Thanks in advance and looking forward to picking up my first pilot watch .


----------



## johnchoe (Jul 1, 2009)

One of my first purchases on this board was for a 47mm Ticino pilot watch. It's obviously a different company, but I thought I could pull it off. In those days, I thought to myself, I can handle a 44mm watch, why can't I handle a 47mm one? After all, it's only 3mm difference!

Well, as many other more experienced posters can tell you, every mm makes a large difference in the world of watch diameters. I myself have a 7 inch wrist, and found that every time I put on the 47 mm watch that I felt like I was wearing a Flava flav, clown watch. I flipped it within a couple of weeks, and haven't looked since then at watches bigger than 44-45mm. The only other pilot watch I've tried since then was a 42mm Laco, and that felt "just right" for my 7 inch wrist.

Your own mileage may vary of course, and it depends on your own comfort at having a large object on your own wrist.
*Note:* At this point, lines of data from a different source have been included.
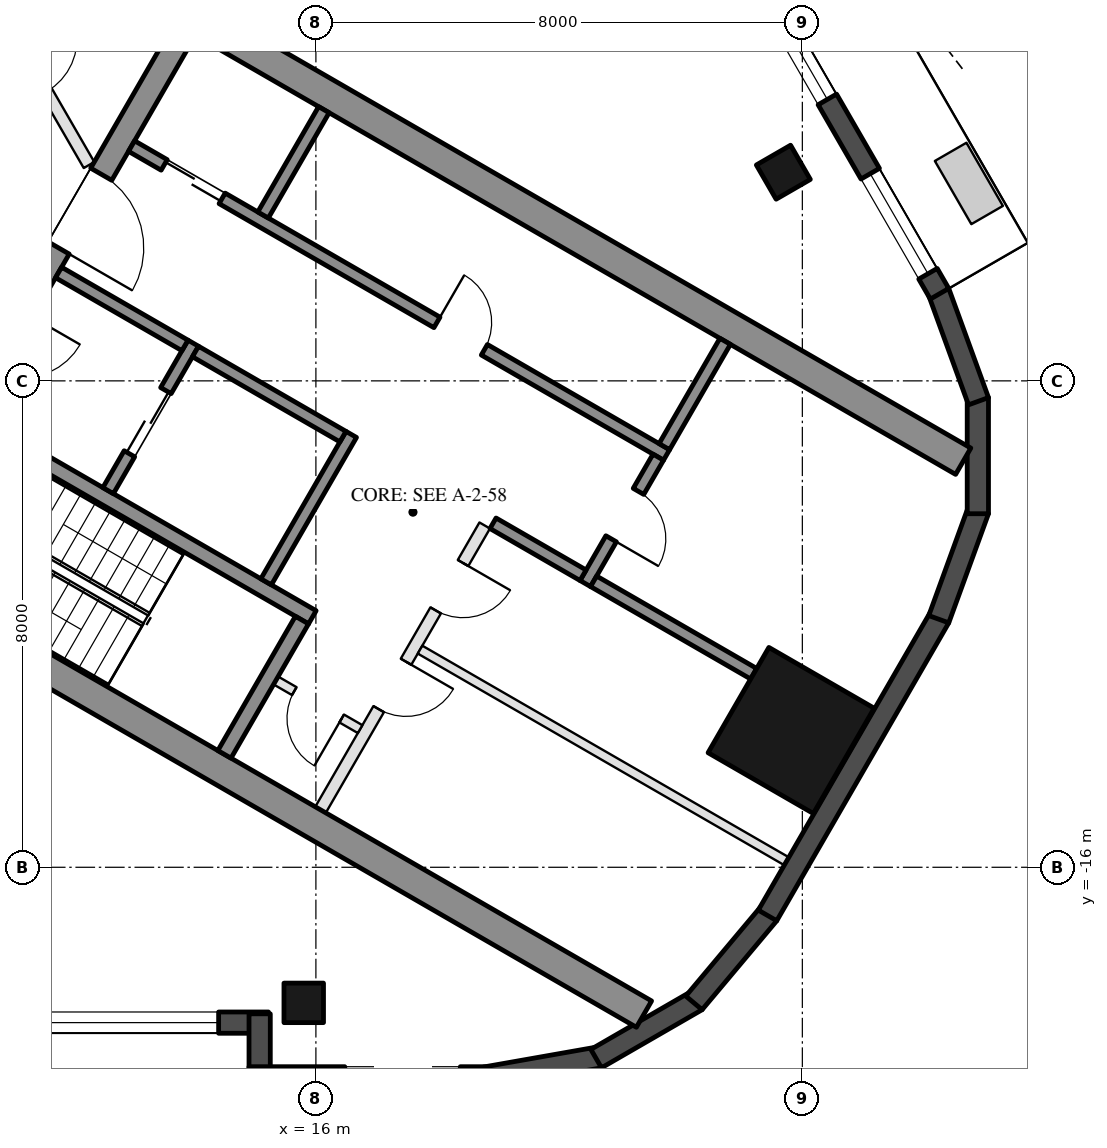
"""IFC4 building model, lengths in metres.
Left out: names, types, materials, properties, quantities, classifications, styles, units other than length and angle.
Written with IfcOpenShell. Run it as: python <this file> out.ifc"""

import sys

from ifc_helpers import new_model, si_unit, direction, frame, frame_2d, origin, origin_2d, place, context, subcontext, project, spatial, rectangle, hollow_rectangle, extrude, boolean, halfspace, element, fill, save


model = new_model("IFC4")
c1 = context("Model", 3, precision=1e-05, world=origin(), true_north=direction((0.0, 1.0)))
c2 = subcontext(c1, "Body", "Model", "MODEL_VIEW")
j1 = project(units=[si_unit("LENGTHUNIT", "METRE"), si_unit("PLANEANGLEUNIT", "RADIAN")], contexts=[c1])
p1 = place(None, origin())
s1 = spatial("IfcSite", under=j1, at=p1, CompositionType="ELEMENT")
p2 = place(p1, origin())
s2 = spatial("IfcBuilding", under=s1, at=p2, CompositionType="ELEMENT")
p3 = place(p2, frame((0.0, 0.0, 250.4)))
s3 = spatial("IfcBuildingStorey", under=s2, at=p3, CompositionType="ELEMENT", Elevation=250.4)
for number, where, z_axis, x_axis in (
    (1, (15.8, -18.23, 0.0), (0.0, 0.0, 1.0), (-1.0, 0.0, 0.0)),
    (2, (23.688, -4.568, 0.0), (0.0, 0.0, 1.0), (-0.5, 0.866, 0.0)),
):
    element("IfcColumn", number, at=place(p3, frame(where, z_axis=z_axis, x_axis=x_axis)), inside=s3, PredefinedType="COLUMN", context=c2, shape_type="SweptSolid", body=[
        boolean("DIFFERENCE", extrude(hollow_rectangle(XDim=0.65, YDim=0.65, WallThickness=0.03, at=origin_2d()), origin(), (0.0, 0.0, 1.0), 3.7), halfspace(frame((0.0, 0.0, 3.653), z_axis=(0.0, 0.0, 1.0), x_axis=(1.0, 0.0, 0.0)), False)),
    ])
p4 = place(p3, frame((23.816, -13.75, 0.0), z_axis=(0.0, 0.0, 1.0), x_axis=(0.5, 0.866025403784, 0.0)))
e3 = element("IfcColumn", 3, at=p4, inside=s3, PredefinedType="COLUMN", context=c2, shape_type="SweptSolid", body=[
    boolean("DIFFERENCE", extrude(hollow_rectangle(XDim=2.0, YDim=2.0, WallThickness=0.05, at=origin_2d()), origin(), (0.0, 0.0, 1.0), 3.7), halfspace(frame((0.0, 0.0, 3.588), z_axis=(0.0, 0.0, 1.0), x_axis=(1.0, 0.0, 0.0)), False)),
])
p5 = place(p3, frame((8.48, -18.555, 0.0), z_axis=(0.0, 0.0, 1.0), x_axis=(1.0, 0.0, 0.0)))
e4 = element("IfcWall", 4, at=p5, inside=s3, PredefinedType="SOLIDWALL", context=c2, shape_type="SweptSolid", body=[
    extrude(rectangle(XDim=6.74, YDim=0.35, at=frame_2d((3.37, 0.0))), origin(), (0.0, 0.0, 1.0), 3.55),
])
p6 = place(p5, frame((0.32, 0.0, 0.0)))
e5 = element("IfcOpeningElement", 5, at=p6, cuts=e4, PredefinedType="OPENING", context=c2, shape_type="SweptSolid", body=[
    extrude(rectangle(XDim=2.4, YDim=2.4, at=frame_2d((1.2, 1.2))), frame((0.0, 0.185, 0.0), z_axis=(0.0, -1.0, 0.0), x_axis=(1.0, 0.0, 0.0)), (0.0, 0.0, 1.0), 0.37),
])
p7 = place(p5, frame((3.02, 0.0, 0.3)))
e6 = element("IfcOpeningElement", 6, at=p7, cuts=e4, PredefinedType="OPENING", context=c2, shape_type="SweptSolid", body=[
    extrude(rectangle(XDim=2.9, YDim=2.65, at=frame_2d((1.45, 1.325))), frame((0.0, 0.185, 0.0), z_axis=(0.0, -1.0, 0.0), x_axis=(1.0, 0.0, 0.0)), (0.0, 0.0, 1.0), 0.37),
])
p8 = place(p3, frame((15.075, -18.41, 0.0), z_axis=(0.0, 0.0, 1.0), x_axis=(0.0, -1.0, 0.0)))
e7 = element("IfcWall", 7, at=p8, inside=s3, PredefinedType="SOLIDWALL", context=c2, shape_type="SweptSolid", body=[
    extrude(rectangle(XDim=1.22, YDim=0.35, at=frame_2d((0.61, 0.0))), origin(), (0.0, 0.0, 1.0), 3.55),
])
p9 = place(p3, frame((14.9, -19.455, 0.0), z_axis=(0.0, 0.0, 1.0), x_axis=(1.0, 0.0, 0.0)))
e8 = element("IfcWall", 8, at=p9, inside=s3, PredefinedType="SOLIDWALL", context=c2, shape_type="SweptSolid", body=[
    extrude(rectangle(XDim=3.916, YDim=0.35, at=frame_2d((1.958, 0.0))), origin(), (0.0, 0.0, 1.0), 3.55),
])
p10 = place(p9, frame((1.575, 0.0, 0.3)))
e9 = element("IfcOpeningElement", 9, at=p10, cuts=e8, PredefinedType="OPENING", context=c2, shape_type="SweptSolid", body=[
    extrude(rectangle(XDim=1.9, YDim=2.65, at=frame_2d((0.95, 1.325))), frame((0.0, 0.185, 0.0), z_axis=(0.0, -1.0, 0.0), x_axis=(1.0, 0.0, 0.0)), (0.0, 0.0, 1.0), 0.37),
])
p11 = place(p3, frame((18.785, -19.458, 0.0), z_axis=(0.0, 0.0, 1.0), x_axis=(0.984798995425, 0.173697837091, 0.0)))
e10 = element("IfcWall", 10, at=p11, inside=s3, PredefinedType="SOLIDWALL", context=c2, shape_type="SweptSolid", body=[
    extrude(rectangle(XDim=1.91, YDim=0.35, at=frame_2d((0.955, 0.0))), origin(), (0.0, 0.0, 1.0), 3.55),
])
for number, where, z_axis, x_axis in (
    (11, (20.61, -19.147, 0.0), (0.0, 0.0, 1.0), (0.866, 0.5, 0.0)),
    (12, (22.217, -18.231, 0.0), (0.0, 0.0, 1.0), (0.643, 0.766, 0.0)),
):
    element("IfcWall", number, at=place(p3, frame(where, z_axis=z_axis, x_axis=x_axis)), inside=s3, PredefinedType="SOLIDWALL", context=c2, shape_type="SweptSolid", body=[
        extrude(rectangle(XDim=1.91, YDim=0.35, at=frame_2d((0.955, 0.0))), origin(), (0.0, 0.0, 1.0), 3.55),
    ])
p12 = place(p3, frame((23.427, -16.792, 0.0), z_axis=(0.0, 0.0, 1.0), x_axis=(0.500018773155, 0.866014564827, 0.0)))
e13 = element("IfcWall", 13, at=p12, inside=s3, PredefinedType="SOLIDWALL", context=c2, shape_type="SweptSolid", body=[
    extrude(rectangle(XDim=5.658, YDim=0.35, at=frame_2d((2.829, 0.0))), origin(), (0.0, 0.0, 1.0), 3.55),
])
for number, where, z_axis, x_axis in (
    (14, (26.244, -11.92, 0.0), (0.0, 0.0, 1.0), (0.342, 0.94, 0.0)),
    (15, (26.886, -10.185, 0.0), (0.0, 0.0, 1.0), (0.0, 1.0, 0.0)),
    (16, (26.897, -8.335, 0.0), (0.0, 0.0, 1.0), (-0.342, 0.94, 0.0)),
):
    element("IfcWall", number, at=place(p3, frame(where, z_axis=z_axis, x_axis=x_axis)), inside=s3, PredefinedType="SOLIDWALL", context=c2, shape_type="SweptSolid", body=[
        extrude(rectangle(XDim=1.91, YDim=0.35, at=frame_2d((0.955, 0.0))), origin(), (0.0, 0.0, 1.0), 3.55),
    ])
p13 = place(p3, frame((26.257, -6.567, 0.0), z_axis=(0.0, 0.0, 1.0), x_axis=(-0.500023526245, 0.866011820475, 0.0)))
e17 = element("IfcWall", 17, at=p13, inside=s3, PredefinedType="SOLIDWALL", context=c2, shape_type="SweptSolid", body=[
    extrude(rectangle(XDim=11.816, YDim=0.35, at=frame_2d((5.908, 0.0))), origin(), (0.0, 0.0, 1.0), 3.55),
])
p14 = place(p13, frame((0.38, 0.0, 0.3)))
e18 = element("IfcOpeningElement", 18, at=p14, cuts=e17, PredefinedType="OPENING", context=c2, shape_type="SweptSolid", body=[
    extrude(rectangle(XDim=1.9, YDim=2.65, at=frame_2d((0.95, 1.325))), frame((0.0, 0.185, 0.0), z_axis=(0.0, -1.0, 0.0), x_axis=(1.0, 0.0, 0.0)), (0.0, 0.0, 1.0), 0.37),
])
p15 = place(p13, frame((7.841, 0.0, 0.0)))
e19 = element("IfcOpeningElement", 19, at=p15, cuts=e17, PredefinedType="OPENING", context=c2, shape_type="SweptSolid", body=[
    extrude(rectangle(XDim=2.4, YDim=2.4, at=frame_2d((1.2, 1.2))), frame((0.0, 0.185, 0.0), z_axis=(0.0, -1.0, 0.0), x_axis=(1.0, 0.0, 0.0)), (0.0, 0.0, 1.0), 0.37),
])
p16 = place(p13, frame((3.691, 0.0, 0.3)))
e20 = element("IfcOpeningElement", 20, at=p16, cuts=e17, PredefinedType="OPENING", context=c2, shape_type="SweptSolid", body=[
    extrude(rectangle(XDim=1.7, YDim=2.65, at=frame_2d((0.85, 1.325))), frame((0.0, 0.185, 0.0), z_axis=(0.0, -1.0, 0.0), x_axis=(1.0, 0.0, 0.0)), (0.0, 0.0, 1.0), 0.37),
])
p17 = place(p13, frame((5.691, 0.0, 0.3)))
e21 = element("IfcOpeningElement", 21, at=p17, cuts=e17, PredefinedType="OPENING", context=c2, shape_type="SweptSolid", body=[
    extrude(rectangle(XDim=1.7, YDim=2.65, at=frame_2d((0.85, 1.325))), frame((0.0, 0.185, 0.0), z_axis=(0.0, -1.0, 0.0), x_axis=(1.0, 0.0, 0.0)), (0.0, 0.0, 1.0), 0.37),
])
for number, where, z_axis, x_axis in (
    (22, (8.547, -10.997, 0.0), (0.0, 0.0, 1.0), (0.866, -0.5, 0.0)),
    (23, (13.797, -1.903, 0.0), (0.0, 0.0, 1.0), (0.866, -0.5, 0.0)),
):
    element("IfcWall", number, at=place(p3, frame(where, z_axis=z_axis, x_axis=x_axis)), inside=s3, PredefinedType="SHEAR", context=c2, shape_type="SweptSolid", body=[
        extrude(rectangle(XDim=14.837, YDim=0.5, at=frame_2d((7.418, 0.0))), origin(), (0.0, 0.0, 1.0), 3.5),
    ])
p18 = place(p3, frame((8.845, -10.88, 0.0), z_axis=(0.0, 0.0, 1.0), x_axis=(0.500004234368, 0.866022959057, 0.0)))
e24 = element("IfcWall", 24, at=p18, inside=s3, PredefinedType="SHEAR", context=c2, shape_type="SweptSolid", body=[
    extrude(rectangle(XDim=10.0, YDim=0.4, at=frame_2d((5.0, 0.0))), origin(), (0.0, 0.0, 1.0), 3.5),
])
p19 = place(p18, frame((3.55, 0.0, 0.0)))
e25 = element("IfcOpeningElement", 25, at=p19, cuts=e24, PredefinedType="OPENING", context=c2, shape_type="SweptSolid", body=[
    extrude(rectangle(XDim=1.1, YDim=2.1, at=frame_2d((0.55, 1.05))), frame((0.0, 0.21, 0.0), z_axis=(0.0, -1.0, 0.0), x_axis=(1.0, 0.0, 0.0)), (0.0, 0.0, 1.0), 0.42),
])
p20 = place(p18, frame((5.85, 0.0, 0.0)))
e26 = element("IfcOpeningElement", 26, at=p20, cuts=e24, PredefinedType="OPENING", context=c2, shape_type="SweptSolid", body=[
    extrude(rectangle(XDim=1.4, YDim=2.1, at=frame_2d((0.7, 1.05))), frame((0.0, 0.21, 0.0), z_axis=(0.0, -1.0, 0.0), x_axis=(1.0, 0.0, 0.0)), (0.0, 0.0, 1.0), 0.42),
])
p21 = place(p3, frame((10.356, -8.664, 0.0), z_axis=(0.0, 0.0, 1.0), x_axis=(0.866028629588, -0.499994412703, 0.0)))
e27 = element("IfcWall", 27, at=p21, inside=s3, PredefinedType="SHEAR", context=c2, shape_type="SweptSolid", body=[
    extrude(rectangle(XDim=6.45, YDim=0.25, at=frame_2d((3.225, 0.0))), origin(), (0.0, 0.0, 1.0), 3.5),
])
p22 = place(p21, frame((0.3, 0.0, 0.0)))
e28 = element("IfcOpeningElement", 28, at=p22, cuts=e27, PredefinedType="OPENING", context=c2, shape_type="SweptSolid", body=[
    extrude(rectangle(XDim=1.0, YDim=2.1, at=frame_2d((0.5, 1.05))), frame((0.0, 0.135, 0.0), z_axis=(0.0, -1.0, 0.0), x_axis=(1.0, 0.0, 0.0)), (0.0, 0.0, 1.0), 0.27),
])
p23 = place(p3, frame((14.496, -14.143, 0.0), z_axis=(0.0, 0.0, 1.0), x_axis=(0.500062241894, 0.865989465428, 0.0)))
e29 = element("IfcWall", 29, at=p23, inside=s3, PredefinedType="SHEAR", context=c2, shape_type="SweptSolid", body=[
    extrude(rectangle(XDim=2.55, YDim=0.25, at=frame_2d((1.275, 0.0))), origin(), (0.0, 0.0, 1.0), 3.5),
])
p24 = place(p3, frame((15.181, -11.305, 0.0), z_axis=(0.0, 0.0, 1.0), x_axis=(0.49994636267, 0.866056369097, 0.0)))
e30 = element("IfcWall", 30, at=p24, inside=s3, PredefinedType="SHEAR", context=c2, shape_type="SweptSolid", body=[
    extrude(rectangle(XDim=2.8, YDim=0.2, at=frame_2d((1.4, 0.0))), origin(), (0.0, 0.0, 1.0), 3.5),
])
p25 = place(p3, frame((12.583, -9.805, 0.0), z_axis=(0.0, 0.0, 1.0), x_axis=(0.49994636267, 0.866056369097, 0.0)))
e31 = element("IfcWall", 31, at=p25, inside=s3, PredefinedType="SHEAR", context=c2, shape_type="SweptSolid", body=[
    extrude(rectangle(XDim=2.8, YDim=0.2, at=frame_2d((1.4, 0.0))), origin(), (0.0, 0.0, 1.0), 3.5),
])
p26 = place(p25, frame((0.7, 0.0, 0.0)))
e32 = element("IfcOpeningElement", 32, at=p26, cuts=e31, PredefinedType="OPENING", context=c2, shape_type="SweptSolid", body=[
    extrude(rectangle(XDim=1.2, YDim=2.1, at=frame_2d((0.6, 1.05))), frame((0.0, 0.11, 0.0), z_axis=(0.0, -1.0, 0.0), x_axis=(1.0, 0.0, 0.0)), (0.0, 0.0, 1.0), 0.22),
])
p27 = place(p3, frame((11.768, -6.217, 0.0), z_axis=(0.0, 0.0, 1.0), x_axis=(0.866050077142, -0.499957262057, 0.0)))
e33 = element("IfcWall", 33, at=p27, inside=s3, PredefinedType="SHEAR", context=c2, shape_type="SweptSolid", body=[
    extrude(rectangle(XDim=2.4, YDim=0.2, at=frame_2d((1.2, 0.0))), origin(), (0.0, 0.0, 1.0), 3.5),
])
p28 = place(p3, frame((14.02, -7.517, 0.0), z_axis=(0.0, 0.0, 1.0), x_axis=(0.866034573852, -0.49998411664, 0.0)))
e34 = element("IfcWall", 34, at=p28, inside=s3, PredefinedType="SHEAR", context=c2, shape_type="SweptSolid", body=[
    extrude(rectangle(XDim=2.8, YDim=0.2, at=frame_2d((1.4, 0.0))), origin(), (0.0, 0.0, 1.0), 3.5),
])
p29 = place(p3, frame((12.968, -4.138, 0.0), z_axis=(0.0, 0.0, 1.0), x_axis=(0.866028328073, -0.49999493495, 0.0)))
e35 = element("IfcWall", 35, at=p29, inside=s3, PredefinedType="SHEAR", context=c2, shape_type="SweptSolid", body=[
    extrude(rectangle(XDim=10.16, YDim=0.2, at=frame_2d((5.08, 0.0))), origin(), (0.0, 0.0, 1.0), 3.5),
])
p30 = place(p29, frame((0.62, 0.0, 0.0)))
e36 = element("IfcOpeningElement", 36, at=p30, cuts=e35, PredefinedType="OPENING", context=c2, shape_type="SweptSolid", body=[
    extrude(rectangle(XDim=1.1, YDim=2.1, at=frame_2d((0.55, 1.05))), frame((0.0, 0.11, 0.0), z_axis=(0.0, -1.0, 0.0), x_axis=(1.0, 0.0, 0.0)), (0.0, 0.0, 1.0), 0.22),
])
p31 = place(p29, frame((5.8, 0.0, 0.0)))
e37 = element("IfcOpeningElement", 37, at=p31, cuts=e35, PredefinedType="OPENING", context=c2, shape_type="SweptSolid", body=[
    extrude(rectangle(XDim=0.9, YDim=2.1, at=frame_2d((0.45, 1.05))), frame((0.0, 0.11, 0.0), z_axis=(0.0, -1.0, 0.0), x_axis=(1.0, 0.0, 0.0)), (0.0, 0.0, 1.0), 0.22),
])
p32 = place(p3, frame((20.43, -11.333, 0.0), z_axis=(0.0, 0.0, 1.0), x_axis=(0.500001309137, 0.866024647952, 0.0)))
e38 = element("IfcWall", 38, at=p32, inside=s3, PredefinedType="SHEAR", context=c2, shape_type="SweptSolid", body=[
    extrude(rectangle(XDim=2.4, YDim=0.2, at=frame_2d((1.2, 0.0))), origin(), (0.0, 0.0, 1.0), 3.5),
])
p33 = place(p32, frame((0.85, 0.0, 0.0)))
e39 = element("IfcOpeningElement", 39, at=p33, cuts=e38, PredefinedType="OPENING", context=c2, shape_type="SweptSolid", body=[
    extrude(rectangle(XDim=0.9, YDim=2.1, at=frame_2d((0.45, 1.05))), frame((0.0, 0.11, 0.0), z_axis=(0.0, -1.0, 0.0), x_axis=(1.0, 0.0, 0.0)), (0.0, 0.0, 1.0), 0.22),
])
p34 = place(p3, frame((18.913, -10.342, 0.0), z_axis=(0.0, 0.0, 1.0), x_axis=(0.866038183914, -0.499977863513, 0.0)))
e40 = element("IfcWall", 40, at=p34, inside=s3, PredefinedType="SHEAR", context=c2, shape_type="SweptSolid", body=[
    extrude(rectangle(XDim=1.71, YDim=0.2, at=frame_2d((0.855, 0.0))), origin(), (0.0, 0.0, 1.0), 3.5),
])
for number, where, z_axis, x_axis in (
    (41, (15.131, -5.272, 0.0), (0.0, 0.0, 1.0), (0.5, 0.866, 0.0)),
    (42, (21.73, -9.082, 0.0), (0.0, 0.0, 1.0), (0.5, 0.866, 0.0)),
):
    element("IfcWall", number, at=place(p3, frame(where, z_axis=z_axis, x_axis=x_axis)), inside=s3, PredefinedType="SHEAR", context=c2, shape_type="SweptSolid", body=[
        extrude(rectangle(XDim=2.0, YDim=0.2, at=frame_2d((1.0, 0.0))), origin(), (0.0, 0.0, 1.0), 3.5),
    ])
p35 = place(p3, frame((20.567, -11.297, 0.0), z_axis=(0.0, 0.0, 1.0), x_axis=(0.866065229334, -0.49993101378, 0.0)))
e43 = element("IfcWall", 43, at=p35, inside=s3, PredefinedType="SHEAR", context=c2, shape_type="SweptSolid", body=[
    extrude(rectangle(XDim=3.04, YDim=0.2, at=frame_2d((1.52, 0.0))), origin(), (0.0, 0.0, 1.0), 3.5),
])
p36 = place(p3, frame((16.076, -15.055, 0.0), z_axis=(0.0, 0.0, 1.0), x_axis=(0.499995103361, 0.866028230842, 0.0)))
e44 = element("IfcWall", 44, at=p36, inside=s3, PredefinedType="PARTITIONING", context=c2, shape_type="SweptSolid", body=[
    extrude(rectangle(XDim=5.4, YDim=0.2, at=frame_2d((2.7, 0.0))), origin(), (0.0, 0.0, 1.0), 3.5),
])
p37 = place(p36, frame((1.913, 0.0, 0.0)))
e45 = element("IfcOpeningElement", 45, at=p37, cuts=e44, PredefinedType="OPENING", context=c2, shape_type="SweptSolid", body=[
    extrude(rectangle(XDim=0.9, YDim=2.1, at=frame_2d((0.45, 1.05))), frame((0.0, 0.11, 0.0), z_axis=(0.0, -1.0, 0.0), x_axis=(1.0, 0.0, 0.0)), (0.0, 0.0, 1.0), 0.22),
])
p38 = place(p36, frame((3.788, 0.0, 0.0)))
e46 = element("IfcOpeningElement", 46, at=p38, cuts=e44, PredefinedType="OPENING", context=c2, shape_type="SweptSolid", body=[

I felt incredibly self-conscious while wearing it, and could never shake the feeling that people were pointing at the huge thing on my arm.


----------



## Björn Nordström (Jan 25, 2011)

RTea said:


> ... I do also live in the land of ridiculously oversized watches and wanted something big and bold ...


Big smile! Glad to hear you love your country!


----------



## Formula1fan (Jul 14, 2009)

44mm should be perfect for you with that wrist size. I have an 8 inch wrist and 47mm is a good size for me. I have friends with 7 inch wrists and the 42mm and 44mm look pretty good on them. Anything bigger IMHO would look ridiculous. 

LA and OC, Ca is also the home of the replica....there are so many people here that have replica watches of Pam's, Rolex's and Bell and Rosses its sick.


----------



## RTea (Jun 3, 2010)

Thanks for the replies everyone! I figured 44mm would be the better fit and would be self conscious and feel like a clown with 47mm on but I did see a huge pilot on someone the other week and man it looked so nice. I love these oversized pilots since the case may be huge, but the dial is so simple and clean. Love it!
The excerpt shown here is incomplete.